Asian borrowers are rapidly reshaping the global funding landscape in 2025, shifting more of their debt issuance to Europe as confidence in the U.S. dollar continues to wobble. What began as a response to U.S. tariffs and trade uncertainty has evolved into a significant realignment of financing strategies across the Asia-Pacific region.
New Bloomberg data shows that 23% of Asia Pacific bond issuance this year was denominated in euros, the highest on record and up six percentage points from 2024. Euro borrowing surged 75% year-over-year to €86.4 billion ($100.7 billion) as companies and governments increasingly tapped Europe’s capital markets.
Multiple Asian deals became some of the most oversubscribed transactions in Europe’s syndicated debt market, highlighting strong demand from investors seeking diversification.
While U.S. dollar issuance is still the region’s largest funding source and is up 29% in 2025, its market share has slipped—suggesting that the long-standing U.S. financing advantage may be gradually weakening.
Why Asia Is Issuing More Euro Debt
1. Diversification Away From Dollar Dependence
“For many borrowers, the motivation goes beyond refinancing,” said Daniel Kim, co-head of Asia Pacific debt capital markets at HSBC. “There is a growing strategic need to reduce overexposure to U.S. dollar funding.”
Asian companies have become increasingly cautious as U.S. President Donald Trump’s renewed trade pressure and public criticism of the Federal Reserve inject fresh volatility into American markets. With the dollar dropping 11% against the euro, confidence in the greenback’s stability has eroded.
2. Rising Momentum for De-Dollarization
According to Ben Wang of Deutsche Bank, investors and borrowers alike are leaning into non-dollar assets.
“We’ve seen a clear shift toward currency diversification this year,” he said, noting that euro trading volumes in Deutsche Bank’s APAC business climbed from negligible levels at the start of the year to more than 10%—even 20%—in the second half.
3. Cheaper Funding Costs in Europe
Borrowers have also been drawn by favorable economics. Funding in euros has become cheaper than raising cash in U.S. dollars or many Asian currencies.
The cost of swapping euros back into dollars has fallen to a near five-year low of 3.1 basis points, significantly reducing overall funding costs.
Is the Dollar Losing Its Global Status?
Predictions of the dollar’s decline have been common for decades—and consistently wrong. The greenback continues to dominate global financing:
- As of June 2025, the U.S. dollar made up 63% of all bonds issued outside borrowers’ home currencies.
- That share has risen 20 percentage points since 2007.
- The euro’s share has fallen from 32% to 25% over the same period, according to the Bank for International Settlements.

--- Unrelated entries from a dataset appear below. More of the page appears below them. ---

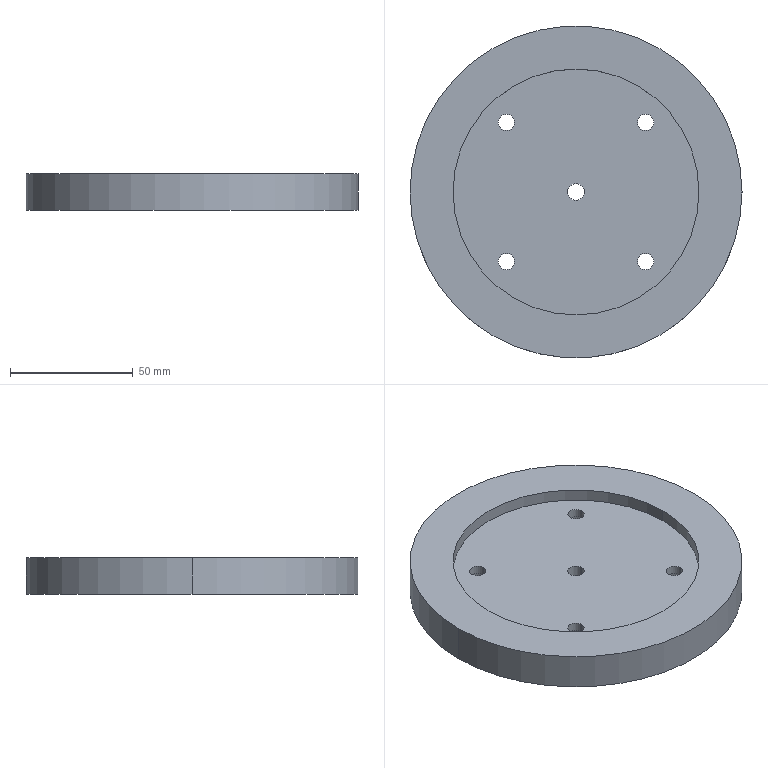Component | SolidWorks | BearingPressingCover-1 | 1 solid | 29 faces | box 135 x 135 x 15 mm | volume 172150 mm3 | cylinder 22 | plane 7 | commonest cylinder face diameters 11 x8 6.6 x8 6.8 x2 100 x2 135 x2 | material 45#
build123d program:
from build123d import *

# Parameters (mm, degrees)
SKETCH1_R                                       = 67.5
BOSS_EXTRUDE1_DEPTH                             = 15
SKETCH2_R                                       = 50
CUT_EXTRUDE1_DEPTH                              = 5
M6_HEX_SOCKET_HEAD_CAP_SCREW_CBORE1_D           = 6.6
M6_HEX_SOCKET_HEAD_CAP_SCREW_CBORE1_CBORE_D     = 11
M6_HEX_SOCKET_HEAD_CAP_SCREW_CBORE1_CBORE_DEPTH = 6.4
M8_TAPPED_HOLE1_D                               = 6.8
M8_TAPPED_HOLE1_DEPTH                           = 19.75
M8_TAPPED_HOLE1_TIP                             = 2.043


with BuildPart() as part:
    # Sketch1 → Boss-Extrude1 (new body)
    with BuildSketch(Plane.XY):
        Circle(SKETCH1_R)
    extrude(amount=BOSS_EXTRUDE1_DEPTH)

    # Sketch2 → Cut-Extrude1 (cut)
    with BuildSketch(Plane.XY.offset(15)):
        Circle(SKETCH2_R)
    extrude(amount=-CUT_EXTRUDE1_DEPTH, mode=Mode.SUBTRACT)

    # M6 Hex Socket Head Cap Screw CBORE1 (through all)
    with Locations(Plane(origin=(28.284, 28.284, 0), x_dir=(-1, 0, 0), z_dir=(0, 0, -1))):
        with Locations((0, 0), (56.569, 0), (56.569, -56.569), (0, -56.569)):
            CounterBoreHole(M6_HEX_SOCKET_HEAD_CAP_SCREW_CBORE1_D / 2, M6_HEX_SOCKET_HEAD_CAP_SCREW_CBORE1_CBORE_D / 2, M6_HEX_SOCKET_HEAD_CAP_SCREW_CBORE1_CBORE_DEPTH)

    # M8 Tapped Hole1
    with Locations(Plane(origin=(0, 0, 0), x_dir=(-1, 0, 0), z_dir=(0, 0, -1))):
        with Locations((0, 0)):
            Hole(M8_TAPPED_HOLE1_D / 2, depth=M8_TAPPED_HOLE1_DEPTH)
            with Locations((0, 0, -(M8_TAPPED_HOLE1_DEPTH + M8_TAPPED_HOLE1_TIP / 2))):  # 118° drill point
                Cone(0, M8_TAPPED_HOLE1_D / 2, M8_TAPPED_HOLE1_TIP, mode=Mode.SUBTRACT)


solid = part.part

# Placed as in the assembly
solid = solid.moved(Location((1.785, -26.917, -1248.21), (0, 0, 0)))
STEP:
#1=COLOUR_RGB('',0.7922,0.8196,0.9333);
#2=FILL_AREA_STYLE_COLOUR('',#1);
#3=FILL_AREA_STYLE('',(#2));
#4=SURFACE_STYLE_FILL_AREA(#3);
#5=SURFACE_SIDE_STYLE('',(#4));
#6=SURFACE_STYLE_USAGE(.BOTH.,#5);
#7=PRESENTATION_STYLE_ASSIGNMENT((#6));
#8=CARTESIAN_POINT('',(0.2041,-1.06,-48.748));
#9=VERTEX_POINT('',#8);
#10=CARTESIAN_POINT('',(-0.06359,-1.06,-48.748));
#11=VERTEX_POINT('',#10);
#12=CARTESIAN_POINT('',(0.07026,-1.06,-48.748));
#13=DIRECTION('',(-0.,0.,1.));
#14=DIRECTION('',(-1.,0.,0.));
#15=AXIS2_PLACEMENT_3D('',#12,#13,#14);
#16=CIRCLE('',#15,0.1339);
#17=EDGE_CURVE('',#9,#11,#16,.T.);
#18=ORIENTED_EDGE('',*,*,#17,.T.);
#19=CARTESIAN_POINT('',(-0.06359,-1.06,-49.142));
#20=VERTEX_POINT('',#19);
#21=CARTESIAN_POINT('',(-0.06359,-1.06,-49.142));
#22=DIRECTION('',(0.,-0.,-1.));
#23=VECTOR('',#22,39.37);
#24=LINE('',#21,#23);
#25=EDGE_CURVE('',#11,#20,#24,.T.);
#26=ORIENTED_EDGE('',*,*,#25,.T.);
#27=CARTESIAN_POINT('',(0.2041,-1.06,-49.142));
#28=VERTEX_POINT('',#27);
#29=CARTESIAN_POINT('',(0.07026,-1.06,-49.142));
#30=DIRECTION('',(0.,-0.,-1.));
#31=DIRECTION('',(1.,0.,0.));
#32=AXIS2_PLACEMENT_3D('',#29,#30,#31);
#33=CIRCLE('',#32,0.1339);
#34=EDGE_CURVE('',#20,#28,#33,.T.);
#35=ORIENTED_EDGE('',*,*,#34,.T.);
#36=CARTESIAN_POINT('',(0.2041,-1.06,-49.142));
#37=DIRECTION('',(0.,-0.,-1.));
#38=VECTOR('',#37,39.37);
#39=LINE('',#36,#38);
#40=EDGE_CURVE('',#9,#28,#39,.T.);
#41=ORIENTED_EDGE('',*,*,#40,.F.);
#42=EDGE_LOOP('',(#18,#26,#35,#41));
#43=FACE_OUTER_BOUND('',#42,.T.);
#44=CARTESIAN_POINT('',(0.07026,-1.06,-49.142));
#45=DIRECTION('',(0.,-0.,-1.));
#46=DIRECTION('',(1.,0.,0.));
#47=AXIS2_PLACEMENT_3D('',#44,#45,#46);
#48=CYLINDRICAL_SURFACE('',#47,0.1339);
#49=ADVANCED_FACE('',(#43),#48,.F.);
#50=CARTESIAN_POINT('',(-1.26,-2.173,-48.89));
#51=VERTEX_POINT('',#50);
#52=CARTESIAN_POINT('',(-0.8268,-2.173,-48.89));
#53=VERTEX_POINT('',#52);
#54=CARTESIAN_POINT('',(-1.043,-2.173,-48.89));
#55=DIRECTION('',(0.,-0.,-1.));
#56=DIRECTION('',(1.,0.,0.));
#57=AXIS2_PLACEMENT_3D('',#54,#55,#56);
#58=CIRCLE('',#57,0.2165);
#59=EDGE_CURVE('',#51,#53,#58,.T.);
#60=ORIENTED_EDGE('',*,*,#59,.F.);
#61=CARTESIAN_POINT('',(-1.26,-2.173,-49.142));
#62=VERTEX_POINT('',#61);
#63=CARTESIAN_POINT('',(-1.26,-2.173,-49.142));
#64=DIRECTION('',(0.,-0.,-1.));
#65=VECTOR('',#64,39.37);
#66=LINE('',#63,#65);
#67=EDGE_CURVE('',#51,#62,#66,.T.);
#68=ORIENTED_EDGE('',*,*,#67,.T.);
#69=CARTESIAN_POINT('',(-0.8268,-2.173,-49.142));
#70=VERTEX_POINT('',#69);
#71=CARTESIAN_POINT('',(-1.043,-2.173,-49.142));
#72=DIRECTION('',(0.,-0.,-1.));
#73=DIRECTION('',(1.,0.,0.));
#74=AXIS2_PLACEMENT_3D('',#71,#72,#73);
#75=CIRCLE('',#74,0.2165);
#76=EDGE_CURVE('',#62,#70,#75,.T.);
#77=ORIENTED_EDGE('',*,*,#76,.T.);
#78=CARTESIAN_POINT('',(-0.8268,-2.173,-49.142));
#79=DIRECTION('',(0.,-0.,-1.));
#80=VECTOR('',#79,39.37);
#81=LINE('',#78,#80);
#82=EDGE_CURVE('',#53,#70,#81,.T.);
#83=ORIENTED_EDGE('',*,*,#82,.F.);
#84=EDGE_LOOP('',(#60,#68,#77,#83));
#85=FACE_OUTER_BOUND('',#84,.T.);
#86=CARTESIAN_POINT('',(-1.043,-2.173,-49.142));
#87=DIRECTION('',(0.,-0.,-1.));
#88=DIRECTION('',(1.,0.,0.));
#89=AXIS2_PLACEMENT_3D('',#86,#87,#88);
#90=CYLINDRICAL_SURFACE('',#89,0.2165);
#91=ADVANCED_FACE('',(#85),#90,.F.);
#92=CARTESIAN_POINT('',(-0.9134,-2.173,-48.748));
#93=VERTEX_POINT('',#92);
#94=CARTESIAN_POINT('',(-1.173,-2.173,-48.748));
#95=VERTEX_POINT('',#94);
#96=CARTESIAN_POINT('',(-1.043,-2.173,-48.748));
#97=DIRECTION('',(-0.,0.,1.));
#98=DIRECTION('',(-1.,0.,0.));
#99=AXIS2_PLACEMENT_3D('',#96,#97,#98);
#100=CIRCLE('',#99,0.1299);
#101=EDGE_CURVE('',#93,#95,#100,.T.);
#102=ORIENTED_EDGE('',*,*,#101,.T.);
#103=CARTESIAN_POINT('',(-1.173,-2.173,-48.89));
#104=VERTEX_POINT('',#103);
#105=CARTESIAN_POINT('',(-1.173,-2.173,-49.142));
#106=DIRECTION('',(0.,-0.,-1.));
#107=VECTOR('',#106,39.37);
#108=LINE('',#105,#107);
#109=EDGE_CURVE('',#95,#104,#108,.T.);
#110=ORIENTED_EDGE('',*,*,#109,.T.);
#111=CARTESIAN_POINT('',(-0.9134,-2.173,-48.89));
#112=VERTEX_POINT('',#111);
#113=CARTESIAN_POINT('',(-1.043,-2.173,-48.89));
#114=DIRECTION('',(0.,-0.,-1.));
#115=DIRECTION('',(1.,0.,0.));
#116=AXIS2_PLACEMENT_3D('',#113,#114,#115);
#117=CIRCLE('',#116,0.1299);
#118=EDGE_CURVE('',#104,#112,#117,.T.);
#119=ORIENTED_EDGE('',*,*,#118,.T.);
#120=CARTESIAN_POINT('',(-0.9134,-2.173,-49.142));
#121=DIRECTION('',(0.,-0.,-1.));
#122=VECTOR('',#121,39.37);
#123=LINE('',#120,#122);
#124=EDGE_CURVE('',#93,#112,#123,.T.);
#125=ORIENTED_EDGE('',*,*,#124,.F.);
#126=EDGE_LOOP('',(#102,#110,#119,#125));
#127=FACE_OUTER_BOUND('',#126,.T.);
#128=CARTESIAN_POINT('',(-1.043,-2.173,-49.142));
#129=DIRECTION('',(0.,-0.,-1.));
#130=DIRECTION('',(1.,0.,0.));
#131=AXIS2_PLACEMENT_3D('',#128,#129,#130);
#132=CYLINDRICAL_SURFACE('',#131,0.1299);
#133=ADVANCED_FACE('',(#127),#132,.F.);
#134=CARTESIAN_POINT('',(0.9673,-2.173,-48.89));
#135=VERTEX_POINT('',#134);
#136=CARTESIAN_POINT('',(1.4,-2.173,-48.89));
#137=VERTEX_POINT('',#136);
#138=CARTESIAN_POINT('',(1.184,-2.173,-48.89));
#139=DIRECTION('',(0.,-0.,-1.));
#140=DIRECTION('',(1.,0.,0.));
#141=AXIS2_PLACEMENT_3D('',#138,#139,#140);
#142=CIRCLE('',#141,0.2165);
#143=EDGE_CURVE('',#135,#137,#142,.T.);
#144=ORIENTED_EDGE('',*,*,#143,.F.);
#145=CARTESIAN_POINT('',(0.9673,-2.173,-49.142));
#146=VERTEX_POINT('',#145);
#147=CARTESIAN_POINT('',(0.9673,-2.173,-49.142));
#148=DIRECTION('',(0.,-0.,-1.));
#149=VECTOR('',#148,39.37);
#150=LINE('',#147,#149);
#151=EDGE_CURVE('',#135,#146,#150,.T.);
#152=ORIENTED_EDGE('',*,*,#151,.T.);
#153=CARTESIAN_POINT('',(1.4,-2.173,-49.142));
#154=VERTEX_POINT('',#153);
#155=CARTESIAN_POINT('',(1.184,-2.173,-49.142));
#156=DIRECTION('',(0.,-0.,-1.));
#157=DIRECTION('',(1.,0.,0.));
#158=AXIS2_PLACEMENT_3D('',#155,#156,#157);
#159=CIRCLE('',#158,0.2165);
#160=EDGE_CURVE('',#146,#154,#159,.T.);
#161=ORIENTED_EDGE('',*,*,#160,.T.);
#162=CARTESIAN_POINT('',(1.4,-2.173,-49.142));
#163=DIRECTION('',(0.,-0.,-1.));
#164=VECTOR('',#163,39.37);
#165=LINE('',#162,#164);
#166=EDGE_CURVE('',#137,#154,#165,.T.);
#167=ORIENTED_EDGE('',*,*,#166,.F.);
#168=EDGE_LOOP('',(#144,#152,#161,#167));
#169=FACE_OUTER_BOUND('',#168,.T.);
#170=CARTESIAN_POINT('',(1.184,-2.173,-49.142));
#171=DIRECTION('',(0.,-0.,-1.));
#172=DIRECTION('',(1.,0.,0.));
#173=AXIS2_PLACEMENT_3D('',#170,#171,#172);
#174=CYLINDRICAL_SURFACE('',#173,0.2165);
#175=ADVANCED_FACE('',(#169),#174,.F.);
#176=CARTESIAN_POINT('',(1.314,-2.173,-48.748));
#177=VERTEX_POINT('',#176);
#178=CARTESIAN_POINT('',(1.054,-2.173,-48.748));
#179=VERTEX_POINT('',#178);
#180=CARTESIAN_POINT('',(1.184,-2.173,-48.748));
#181=DIRECTION('',(-0.,0.,1.));
#182=DIRECTION('',(-1.,0.,0.));
#183=AXIS2_PLACEMENT_3D('',#180,#181,#182);
#184=CIRCLE('',#183,0.1299);
#185=EDGE_CURVE('',#177,#179,#184,.T.);
#186=ORIENTED_EDGE('',*,*,#185,.T.);
#187=CARTESIAN_POINT('',(1.054,-2.173,-48.89));
#188=VERTEX_POINT('',#187);
#189=CARTESIAN_POINT('',(1.054,-2.173,-49.142));
#190=DIRECTION('',(0.,-0.,-1.));
#191=VECTOR('',#190,39.37);
#192=LINE('',#189,#191);
#193=EDGE_CURVE('',#179,#188,#192,.T.);
#194=ORIENTED_EDGE('',*,*,#193,.T.);
#195=CARTESIAN_POINT('',(1.314,-2.173,-48.89));
#196=VERTEX_POINT('',#195);
#197=CARTESIAN_POINT('',(1.184,-2.173,-48.89));
#198=DIRECTION('',(0.,-0.,-1.));
#199=DIRECTION('',(1.,0.,0.));
#200=AXIS2_PLACEMENT_3D('',#197,#198,#199);
#201=CIRCLE('',#200,0.1299);
#202=EDGE_CURVE('',#188,#196,#201,.T.);
#203=ORIENTED_EDGE('',*,*,#202,.T.);
#204=CARTESIAN_POINT('',(1.314,-2.173,-49.142));
#205=DIRECTION('',(0.,-0.,-1.));
#206=VECTOR('',#205,39.37);
#207=LINE('',#204,#206);
#208=EDGE_CURVE('',#177,#196,#207,.T.);
#209=ORIENTED_EDGE('',*,*,#208,.F.);
#210=EDGE_LOOP('',(#186,#194,#203,#209));
#211=FACE_OUTER_BOUND('',#210,.T.);
#212=CARTESIAN_POINT('',(1.184,-2.173,-49.142));
#213=DIRECTION('',(0.,-0.,-1.));
#214=DIRECTION('',(1.,0.,0.));
#215=AXIS2_PLACEMENT_3D('',#212,#213,#214);
#216=CYLINDRICAL_SURFACE('',#215,0.1299);
#217=ADVANCED_FACE('',(#211),#216,.F.);
#218=CARTESIAN_POINT('',(0.9673,0.05383,-48.89));
#219=VERTEX_POINT('',#218);
#220=CARTESIAN_POINT('',(1.4,0.05383,-48.89));
#221=VERTEX_POINT('',#220);
#222=CARTESIAN_POINT('',(1.184,0.05383,-48.89));
#223=DIRECTION('',(0.,-0.,-1.));
#224=DIRECTION('',(1.,-0.,0.));
#225=AXIS2_PLACEMENT_3D('',#222,#223,#224);
#226=CIRCLE('',#225,0.2165);
#227=EDGE_CURVE('',#219,#221,#226,.T.);
#228=ORIENTED_EDGE('',*,*,#227,.F.);
#229=CARTESIAN_POINT('',(0.9673,0.05383,-49.142));
#230=VERTEX_POINT('',#229);
#231=CARTESIAN_POINT('',(0.9673,0.05383,-49.142));
#232=DIRECTION('',(0.,-0.,-1.));
#233=VECTOR('',#232,39.37);
#234=LINE('',#231,#233);
#235=EDGE_CURVE('',#219,#230,#234,.T.);
#236=ORIENTED_EDGE('',*,*,#235,.T.);
#237=CARTESIAN_POINT('',(1.4,0.05383,-49.142));
#238=VERTEX_POINT('',#237);
#239=CARTESIAN_POINT('',(1.184,0.05383,-49.142));
#240=DIRECTION('',(0.,-0.,-1.));
#241=DIRECTION('',(1.,-0.,0.));
#242=AXIS2_PLACEMENT_3D('',#239,#240,#241);
#243=CIRCLE('',#242,0.2165);
#244=EDGE_CURVE('',#230,#238,#243,.T.);
#245=ORIENTED_EDGE('',*,*,#244,.T.);
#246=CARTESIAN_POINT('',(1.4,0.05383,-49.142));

Still, analysts say the recent euro resurgence does not necessarily signal a collapsing dollar but instead reflects a normalization after years of dollar-heavy issuance.
“We are moving toward a more multipolar world,” said Martin Schulz, chief economist at Fujitsu in Japan.
Major Asian Deals Fuel Europe’s Boom
Some of 2025’s biggest and most sought-after bond sales have come from Asia:
- China issued a €4 billion sovereign deal that drew a staggering €100 billion in orders.
- NTT Inc. of Japan launched a €5.5 billion transaction, the largest euro-denominated corporate deal from Asia this year.
According to Chris Iggo of Axa Investment Managers, Europe’s expanding role offers investors a broader set of credit profiles and geographic cash-flow exposure—ultimately strengthening global markets.
What’s Next? Euro Issuance Expected to Climb Further
The momentum is unlikely to stop in 2026. Deutsche Bank analyst Owen Gallimore forecasts Asian euro-denominated issuance to rise to $125 billion next year, marking more than 20% growth.
Henry Loh of Aberdeen Investments noted that Asian issuers increasingly want a “broader global footprint” and view Europe as a critical market for future expansion.
“We expect continued growth in euro financing as companies look for stable and diversified funding channels,” he said.